Correlation Between Westshore Terminals and BROOKFIELD REINSURANCE
Can any of the company-specific risk be diversified away by investing in both Westshore Terminals and BROOKFIELD REINSURANCE at the same time? Although using a correlation coefficient on its own may not help to predict future stock returns, this module helps to understand the diversifiable risk of combining Westshore Terminals and BROOKFIELD REINSURANCE into the same portfolio, which is an essential part of the fundamental portfolio management process.
By analyzing existing cross correlation between Westshore Terminals Investment and BROOKFIELD REINSURANCE LTD, you can compare the effects of market volatilities on Westshore Terminals and BROOKFIELD REINSURANCE and check how they will diversify away market risk if combined in the same portfolio for a given time horizon. You can also utilize pair trading strategies of matching a long position in Westshore Terminals with a short position of BROOKFIELD REINSURANCE. Check out your portfolio center. Please also check ongoing floating volatility patterns of Westshore Terminals and BROOKFIELD REINSURANCE.

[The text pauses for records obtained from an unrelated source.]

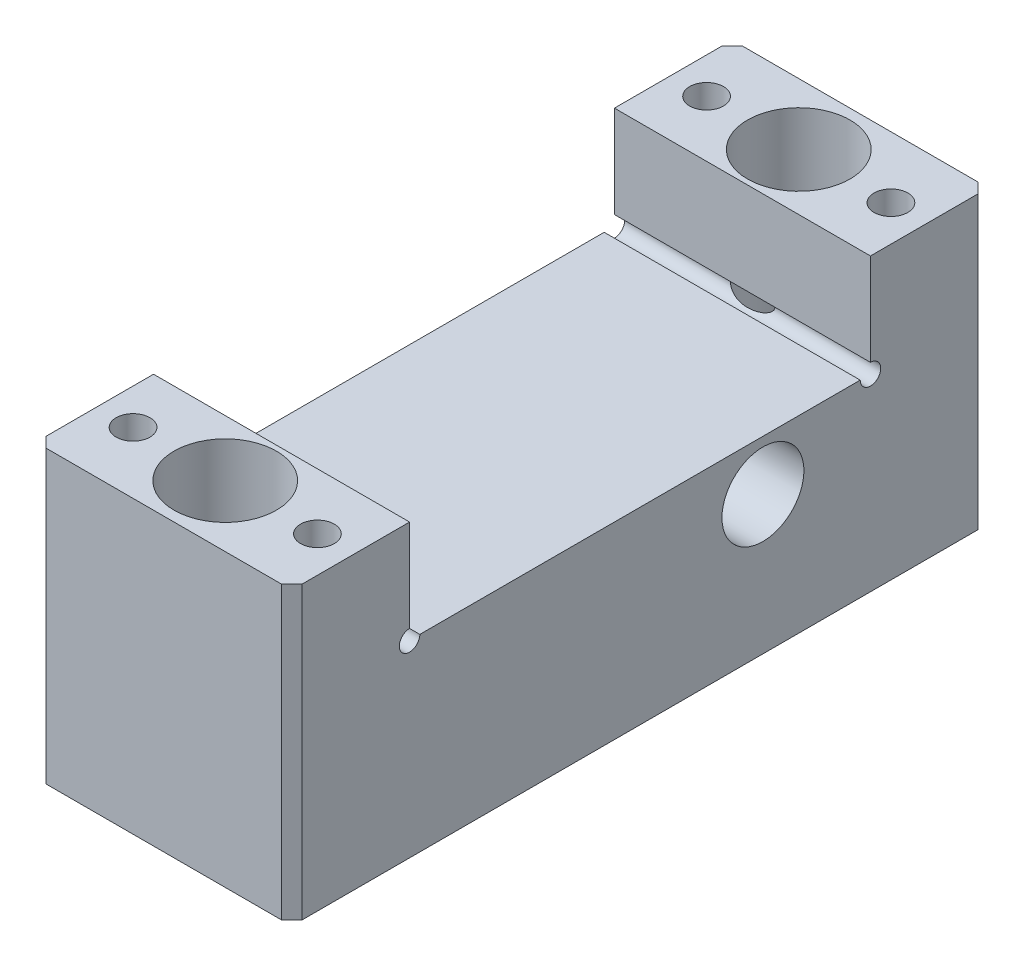
SolidWorks part; units mm, degrees
material "S45C"
ref_plane "前视基准面" through (0, 0, 0) normal (0, 0, 1) x (1, 0, 0)
ref_plane "上视基准面" through (0, 0, 0) normal (0, 1, 0) x (1, 0, 0)
ref_plane "右视基准面" through (0, 0, 0) normal (1, 0, 0) x (0, 0, -1)
sketch "草图1" plane through (0, 0, 0) normal (0, 1, 0) x (1, 0, 0)
  line L1 (-12.5, 34) -> (12.5, 34)
  line L2 (-12.5, 34) -> (-12.5, -34)
  line L3 (-12.5, -34) -> (12.5, -34)
  line L4 (12.5, 34) -> (12.5, -34)
  line L5 (-12.5, 34) -> (12.5, -34) construction
  line L6 (-12.5, -34) -> (12.5, 34) construction
  point P0 (0, 0)
  dimension "D1" = 68
  dimension "D2" = 25
extrude "凸台-拉伸1" add sketch "草图1" along normal mid plane 28.4
sketch "草图2" plane through (0, 14.2, 0) normal (0, 1, 0) x (1, 0, 0)
  line L0 (12.5, -34) -> (12.5, 34) construction
  line L1 (-12.5, 22.5) -> (12.5, 22.5)
  line L2 (-12.5, 22.5) -> (-12.5, -22.5)
  line L3 (-12.5, -22.5) -> (12.5, -22.5)
  line L4 (12.5, 22.5) -> (12.5, -22.5)
  line L5 (-12.5, 22.5) -> (12.5, -22.5) construction
  line L6 (-12.5, -22.5) -> (12.5, 22.5) construction
  point P0 (0, 0)
  dimension "D1" = 45
extrude "切除-拉伸1" cut sketch "草图2" against normal blind 10 and the other way through all
sketch "草图3" plane through (0, -14.2, 0) normal (0, -1, 0) x (-1, 0, 0)
  line L0 (0, 0) -> (25.0971, 0) construction
  point P0 (0, 15)
  point P7 (0, -15)
  dimension "D1" = 15
hole_wizard "Ø6.0mm 暗销孔1" positions "草图3" profile "草图4" hole size "Ø6.0" standard "ISO"
sketch "草图4" plane through (0, -14.2, -15) normal (1, 0, 0) x (0, 0, -1)
  line L0 (0, 0) -> (0, 7)
  line L1 (0, 7) -> (3, 7)
  line L2 (3, 7) -> (3, 0)
  line L5 (3, 0) -> (0, 0)
  line L10 (0, 7) -> (-3, 7) construction
  line L11 (0, -6.35) -> (0, 107.95) construction
  dimension "孔直径" = 6
  dimension "孔深度" = 7
  dimension "导头角度" = 180
sketch "草图5" plane through (0, 14.2, 0) normal (0, 1, 0) x (1, 0, 0)
  line L0 (0, 0) -> (30.5088, 0) construction
  line L1 (12.5, 34) -> (-12.5, 34) construction
  point P0 (0, 28)
  point P10 (0, -28)
  dimension "D1" = 6
hole_wizard "M5 六角凹头螺钉的柱形沉头孔1" positions "草图5" profile "草图6" counterbore size "M5" standard "ISO" end condition through all
sketch "草图6" plane through (0, 14.2, -28) normal (1, 0, 0) x (0, 0, 1)
  line L0 (0, 0) -> (0, 28.4)
  line L1 (0, 28.4) -> (2.75, 28.4)
  line L3 (2.75, 28.4) -> (2.75, 20)
  line L4 (2.75, 20) -> (5, 20)
  line L5 (5, 20) -> (5, 0)
  line L7 (5, 0) -> (0, 0)
  line L11 (0, -6.35) -> (0, 107.95) construction
  dimension "通孔孔直径" = 5.5
  dimension "通孔孔深度" = 28.4
  dimension "柱形沉头孔直径" = 10
  dimension "柱形沉头孔深度" = 20
sketch "草图7" plane through (0, 14.2, 0) normal (0, 1, 0) x (1, 0, 0)
  line L0 (0, 0) -> (0, -37.4258) construction
  line L1 (0, 0) -> (-30.4716, 0) construction
  line L2 (-12.5, -34) -> (12.5, -34) construction
  line L3 (-12.5, -22.5) -> (-12.5, -34) construction
  point P0 (-9, -28)
  point P14 (9, -28)
  point P15 (9, 28)
  point P16 (-9, 28)
  dimension "D1" = 6
  dimension "D2" = 3.5
hole_wizard "M4 螺纹孔1" positions "草图7" profile "草图8" tap size "M4" standard "ISO"
sketch "草图8" plane through (-9, 14.2, 28) normal (1, 0, 0) x (0, 0, 1)
  line L0 (0, 0) -> (0, 11.0914)
  line L1 (0, 11.0914) -> (1.65, 10.1)
  line L2 (1.65, 10.1) -> (1.65, 0)
  line L5 (1.65, 0) -> (0, 0)
  line L10 (0, 11.0914) -> (-1.65, 10.1) construction
  line L11 (0, -6.35) -> (0, 107.95) construction
  dimension "螺纹孔钻头直径" = 3.3
  dimension "螺纹孔钻头深度" = 10.1
  dimension "导头角度" = 118
cosmetic thread "孔螺蚊线1" parameters "D1"=8, "D2"=4
cosmetic thread "孔螺蚊线2" parameters "D1"=8, "D2"=4
cosmetic thread "孔螺蚊线3" parameters "D1"=8, "D2"=4
cosmetic thread "孔螺蚊线4" parameters "D1"=8, "D2"=4
chamfer "倒角1" distance 1 angle 45 4 edges at (-12.5, 0, -34) (12.5, 0, -34) (-12.5, 0, 34) (12.5, 0, 34)
sketch "草图9" plane through (-12.5, 0, 0) normal (-1, 0, 0) x (0, 0, 1)
  line L0 (-33, -14.2) -> (33, -14.2) construction
  circle A0 centre (-12, -0.7) radius 4
  dimension "D3" = 8
  dimension "D1" = 13.5
  dimension "D2" = 12
extrude "切除-拉伸2" cut sketch "草图9" against normal through all
sketch "草图10" plane through (12.5, 0, 0) normal (1, 0, 0) x (0, 0, -1)
  circle A0 centre (-22.5, 4.2) radius 1
  circle A1 centre (22.5, 4.2) radius 1
  dimension "D1" = 2
extrude "切除-拉伸3" cut sketch "草图10" against normal through all

Diversification Opportunities for Westshore Terminals and BROOKFIELD REINSURANCE
0.05 | Correlation Coefficient |
Significant diversification
The 3 months correlation between Westshore and BROOKFIELD is 0.05. Overlapping area represents the amount of risk that can be diversified away by holding Westshore Terminals Investment and BROOKFIELD REINSURANCE LTD in the same portfolio, assuming nothing else is changed. The correlation between historical prices or returns on BROOKFIELD REINSURANCE and Westshore Terminals is a relative statistical measure of the degree to which these equity instruments tend to move together. The correlation coefficient measures the extent to which returns on Westshore Terminals Investment are associated (or correlated) with BROOKFIELD REINSURANCE. Values of the correlation coefficient range from -1 to +1, where. The correlation of zero (0) is possible when the price movement of BROOKFIELD REINSURANCE has no effect on the direction of Westshore Terminals i.e., Westshore Terminals and BROOKFIELD REINSURANCE go up and down completely randomly.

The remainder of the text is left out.